Data Structures as Infrastructure
Jobs become their own timers when stored as sorted set members with Unix timestamps as scores—eliminating the need for separate scheduling infrastructure by aligning problem space directly with Redis primitives.
Sidekiq leverages Redis’s rich data structures for Distributed Systems coordination, demonstrating Mechanical & Architectural Sympathy by aligning the data model with Redis’s native capabilities. Each structure serves a specific purpose in the job processing lifecycle.
Lists: Job Queues
Redis Lists implement FIFO queues using LPUSH
(left push) and BRPOP
(blocking right pop). Jobs are pushed to the left and popped from the right, creating natural queue ordering.
queue:default -> ["job3", "job2", "job1"]
↑ ↓
LPUSH BRPOP
The BRPOP
command blocks for up to 2 seconds, creating an efficient polling mechanism without busy-waiting. This eliminates the need for aggressive polling—the server wakes up immediately when a job arrives, or after 2 seconds to check for shutdown signals.
Multiple queues can be prioritized by passing queue names to BRPOP
:
# Strict priority: critical always before default
redis.brpop('queue:critical', 'queue:default', timeout: 2)
Sorted Sets: Time-Indexed Jobs
Scheduled and retry jobs use Redis Sorted Sets where the score is the Unix timestamp for execution. This elegant design makes jobs self-scheduling—no separate timer infrastructure needed.
schedule -> {
"job1" => 1697472600.0, # Oct 16 2025 10:30 AM
"job2" => 1697476200.0, # Oct 16 2025 11:30 AM
}
The Poller uses ZRANGEBYSCORE
to atomically find and remove jobs whose time has come:
local jobs = redis.call("zrange", "schedule", "-inf", now, "byscore", "limit", 0, 1)
if jobs[1] then
redis.call("zrem", "schedule", jobs[1])
return jobs[1]
end
This pattern eliminates the classic “cron scheduler” problem—you don’t need a separate process monitoring a database table. The data structure IS the scheduler.
Hashes: Process Metadata
Each Sidekiq process stores metadata in a hash keyed by its identity:
processes:hostname:pid:uuid -> {
"hostname" => "worker-1",
"pid" => 12345,
"concurrency" => 10,
"busy" => 3,
"beat" => 1697472000.0,
"rtt_us" => 850, # Redis round-trip time
"rss" => 125000 # Memory usage
}
In-flight jobs are tracked in a separate hash:
processes:hostname:pid:uuid:work -> {
"abc123" => { # job ID
"queue" => "default",
"payload" => {...},
"run_at" => 1697472000.0
}
}
This enables the Web UI to show real-time process health and job execution. If a heartbeat expires (>60 seconds old), the process is considered dead and can be cleaned up.

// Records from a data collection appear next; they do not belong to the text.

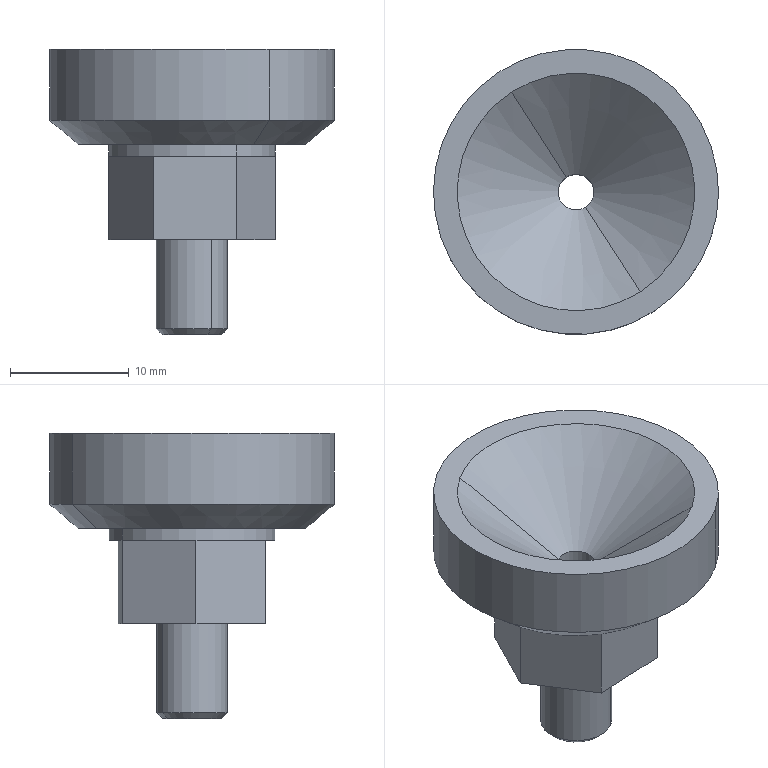Component | SolidWorks | 25-1 | 1 solid | 30 faces | box 24 x 24 x 24 mm | volume 3721 mm3 | plane 16 | cylinder 8 | cone 6 | commonest cylinder face diameters 6 x2 24 x2 3 x2 14 x2
STEP:
#1=COLOUR_RGB('',0.7922,0.8196,0.9333);
#2=FILL_AREA_STYLE_COLOUR('',#1);
#3=FILL_AREA_STYLE('',(#2));
#4=SURFACE_STYLE_FILL_AREA(#3);
#5=SURFACE_SIDE_STYLE('',(#4));
#6=SURFACE_STYLE_USAGE(.BOTH.,#5);
#7=PRESENTATION_STYLE_ASSIGNMENT((#6));
#8=CARTESIAN_POINT('',(-5.37,15.082,33.653));
#9=VERTEX_POINT('',#8);
#10=CARTESIAN_POINT('',(-5.263,14.917,33.653));
#11=VERTEX_POINT('',#10);
#12=CARTESIAN_POINT('',(-5.317,15.,33.653));
#13=DIRECTION('',(-0.,-0.,-1.));
#14=DIRECTION('',(0.541,-0.841,0.));
#15=AXIS2_PLACEMENT_3D('',#12,#13,#14);
#16=CIRCLE('',#15,0.09843);
#17=EDGE_CURVE('',#9,#11,#16,.T.);
#18=ORIENTED_EDGE('',*,*,#17,.F.);
#19=CARTESIAN_POINT('',(-5.381,15.099,33.672));
#20=VERTEX_POINT('',#19);
#21=CARTESIAN_POINT('',(-5.37,15.082,33.653));
#22=DIRECTION('',(-0.3825,0.5947,0.7071));
#23=VECTOR('',#22,39.37);
#24=LINE('',#21,#23);
#25=EDGE_CURVE('',#9,#20,#24,.T.);
#26=ORIENTED_EDGE('',*,*,#25,.T.);
#27=CARTESIAN_POINT('',(-5.253,14.9,33.672));
#28=VERTEX_POINT('',#27);
#29=CARTESIAN_POINT('',(-5.317,15.,33.672));
#30=DIRECTION('',(0.,0.,1.));
#31=DIRECTION('',(0.541,-0.841,0.));
#32=AXIS2_PLACEMENT_3D('',#29,#30,#31);
#33=CIRCLE('',#32,0.1181);
#34=EDGE_CURVE('',#28,#20,#33,.T.);
#35=ORIENTED_EDGE('',*,*,#34,.F.);
#36=CARTESIAN_POINT('',(-5.263,14.917,33.653));
#37=DIRECTION('',(0.3825,-0.5947,0.7071));
#38=VECTOR('',#37,39.37);
#39=LINE('',#36,#38);
#40=EDGE_CURVE('',#11,#28,#39,.T.);
#41=ORIENTED_EDGE('',*,*,#40,.F.);
#42=EDGE_LOOP('',(#18,#26,#35,#41));
#43=FACE_OUTER_BOUND('',#42,.T.);
#44=CARTESIAN_POINT('',(-5.317,15.,33.653));
#45=DIRECTION('',(0.,0.,1.));
#46=DIRECTION('',(0.541,-0.841,0.));
#47=AXIS2_PLACEMENT_3D('',#44,#45,#46);
#48=CONICAL_SURFACE('',#47,0.09843,0.7854);
#49=ADVANCED_FACE('',(#43),#48,.T.);
#50=CARTESIAN_POINT('',(-5.381,15.099,33.968));
#51=VERTEX_POINT('',#50);
#52=CARTESIAN_POINT('',(-5.253,14.9,33.968));
#53=VERTEX_POINT('',#52);
#54=CARTESIAN_POINT('',(-5.317,15.,33.968));
#55=DIRECTION('',(-0.,-0.,-1.));
#56=DIRECTION('',(-0.541,0.841,0.));
#57=AXIS2_PLACEMENT_3D('',#54,#55,#56);
#58=CIRCLE('',#57,0.1181);
#59=EDGE_CURVE('',#51,#53,#58,.T.);
#60=ORIENTED_EDGE('',*,*,#59,.T.);
#61=CARTESIAN_POINT('',(-5.253,14.9,33.653));
#62=DIRECTION('',(-0.,-0.,-1.));
#63=VECTOR('',#62,39.37);
#64=LINE('',#61,#63);
#65=EDGE_CURVE('',#53,#28,#64,.T.);
#66=ORIENTED_EDGE('',*,*,#65,.T.);
#67=ORIENTED_EDGE('',*,*,#34,.T.);
#68=CARTESIAN_POINT('',(-5.381,15.099,33.653));
#69=DIRECTION('',(-0.,-0.,-1.));
#70=VECTOR('',#69,39.37);
#71=LINE('',#68,#70);
#72=EDGE_CURVE('',#51,#20,#71,.T.);
#73=ORIENTED_EDGE('',*,*,#72,.F.);
#74=EDGE_LOOP('',(#60,#66,#67,#73));
#75=FACE_OUTER_BOUND('',#74,.T.);
#76=CARTESIAN_POINT('',(-5.317,15.,33.653));
#77=DIRECTION('',(-0.,-0.,-1.));
#78=DIRECTION('',(-0.541,0.841,0.));
#79=AXIS2_PLACEMENT_3D('',#76,#77,#78);
#80=CYLINDRICAL_SURFACE('',#79,0.1181);
#81=ADVANCED_FACE('',(#75),#80,.T.);
#82=CARTESIAN_POINT('',(-5.521,15.317,34.283));
#83=VERTEX_POINT('',#82);
#84=CARTESIAN_POINT('',(-5.112,14.682,34.283));
#85=VERTEX_POINT('',#84);
#86=CARTESIAN_POINT('',(-5.317,15.,34.283));
#87=DIRECTION('',(-0.,-0.,-1.));
#88=DIRECTION('',(-0.541,0.841,0.));
#89=AXIS2_PLACEMENT_3D('',#86,#87,#88);
#90=CIRCLE('',#89,0.3774);
#91=EDGE_CURVE('',#83,#85,#90,.T.);
#92=ORIENTED_EDGE('',*,*,#91,.F.);
#93=CARTESIAN_POINT('',(-5.572,15.397,34.362));
#94=VERTEX_POINT('',#93);
#95=CARTESIAN_POINT('',(-5.572,15.397,34.362));
#96=DIRECTION('',(-0.4144,0.6443,0.6428));
#97=VECTOR('',#96,39.37);
#98=LINE('',#95,#97);
#99=EDGE_CURVE('',#83,#94,#98,.T.);
#100=ORIENTED_EDGE('',*,*,#99,.T.);
#101=CARTESIAN_POINT('',(-5.061,14.602,34.362));
#102=VERTEX_POINT('',#101);
#103=CARTESIAN_POINT('',(-5.317,15.,34.362));
#104=DIRECTION('',(-0.,-0.,-1.));
#105=DIRECTION('',(-0.541,0.841,0.));
#106=AXIS2_PLACEMENT_3D('',#103,#104,#105);
#107=CIRCLE('',#106,0.4724);
#108=EDGE_CURVE('',#94,#102,#107,.T.);
#109=ORIENTED_EDGE('',*,*,#108,.T.);
#110=CARTESIAN_POINT('',(-5.061,14.602,34.362));
#111=DIRECTION('',(0.4144,-0.6443,0.6428));
#112=VECTOR('',#111,39.37);
#113=LINE('',#110,#112);
#114=EDGE_CURVE('',#85,#102,#113,.T.);
#115=ORIENTED_EDGE('',*,*,#114,.F.);
#116=EDGE_LOOP('',(#92,#100,#109,#115));
#117=FACE_OUTER_BOUND('',#116,.T.);
#118=CARTESIAN_POINT('',(-5.317,15.,34.362));
#119=DIRECTION('',(0.,0.,1.));
#120=DIRECTION('',(0.541,-0.841,0.));
#121=AXIS2_PLACEMENT_3D('',#118,#119,#120);
#122=CONICAL_SURFACE('',#121,0.4724,0.8727);
#123=ADVANCED_FACE('',(#117),#122,.T.);
#124=CARTESIAN_POINT('',(-5.572,15.397,34.598));
#125=VERTEX_POINT('',#124);
#126=CARTESIAN_POINT('',(-5.061,14.602,34.598));
#127=VERTEX_POINT('',#126);
#128=CARTESIAN_POINT('',(-5.317,15.,34.598));
#129=DIRECTION('',(-0.,-0.,-1.));
#130=DIRECTION('',(-0.541,0.841,0.));
#131=AXIS2_PLACEMENT_3D('',#128,#129,#130);
#132=CIRCLE('',#131,0.4724);
#133=EDGE_CURVE('',#125,#127,#132,.T.);
#134=ORIENTED_EDGE('',*,*,#133,.T.);
#135=CARTESIAN_POINT('',(-5.061,14.602,33.653));
#136=DIRECTION('',(-0.,-0.,-1.));
#137=VECTOR('',#136,39.37);
#138=LINE('',#135,#137);
#139=EDGE_CURVE('',#127,#102,#138,.T.);
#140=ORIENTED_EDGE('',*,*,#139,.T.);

Sets: Registry and Indexing
Redis Sets track active queues and processes without duplication:
queues -> {"default", "critical", "mailers"}
processes -> {"hostname:pid:uuid", ...}
The queues
set enables dynamic queue discovery—workers can automatically find all queues without configuration. The processes
set provides fast membership testing for liveness checks.
Strings: Counters and Statistics
Simple counters use Redis Strings with atomic increment operations:
stat:processed -> "1504923"
stat:failed -> "127"
stat:failed:2025-10-15 -> "23" # Daily granularity
Daily statistics enable the Web UI’s historical graphs without complex time-series infrastructure. Keys naturally expire using TTL, preventing unbounded growth:
redis.setex("stat:processed:#{date}", 90.days, count)
Dead Set: Long-Term Job Storage
Failed jobs that exhaust retries move to a sorted set (not a separate database!):
dead -> {
"job_payload" => score # timestamp of death
}
The dead set is capped at 10,000 jobs and retains entries for 6 months. This prevents unbounded memory growth while providing forensic data for debugging. The sorted set structure enables efficient pagination and time-based cleanup.
Memory Management
Sidekiq’s data model avoids memory bloat through several strategies:
- TTL on ephemeral data: Process heartbeats expire after 60 seconds
- Capped collections: Dead set limited to 10,000 jobs
- Efficient encoding: Job payloads use MessagePack (smaller than JSON)
- No job history: Completed jobs are immediately deleted, not archived
This contrasts with database-backed queues that accumulate job records. Redis’s in-memory nature demands careful memory management—every byte counts at scale.
Cluster Compatibility
Some features require Redis Cluster compatibility. Sorted sets for rate limiting must use the same hash slot as their associated keys, achieved through hash tags:
# Force same slot for related keys
redis.zadd("{user:123}:ratelimit", score, member)
redis.get("{user:123}:data") # Same slot due to {user:123}
See Sidekiq Architecture for how this data model supports the overall system design.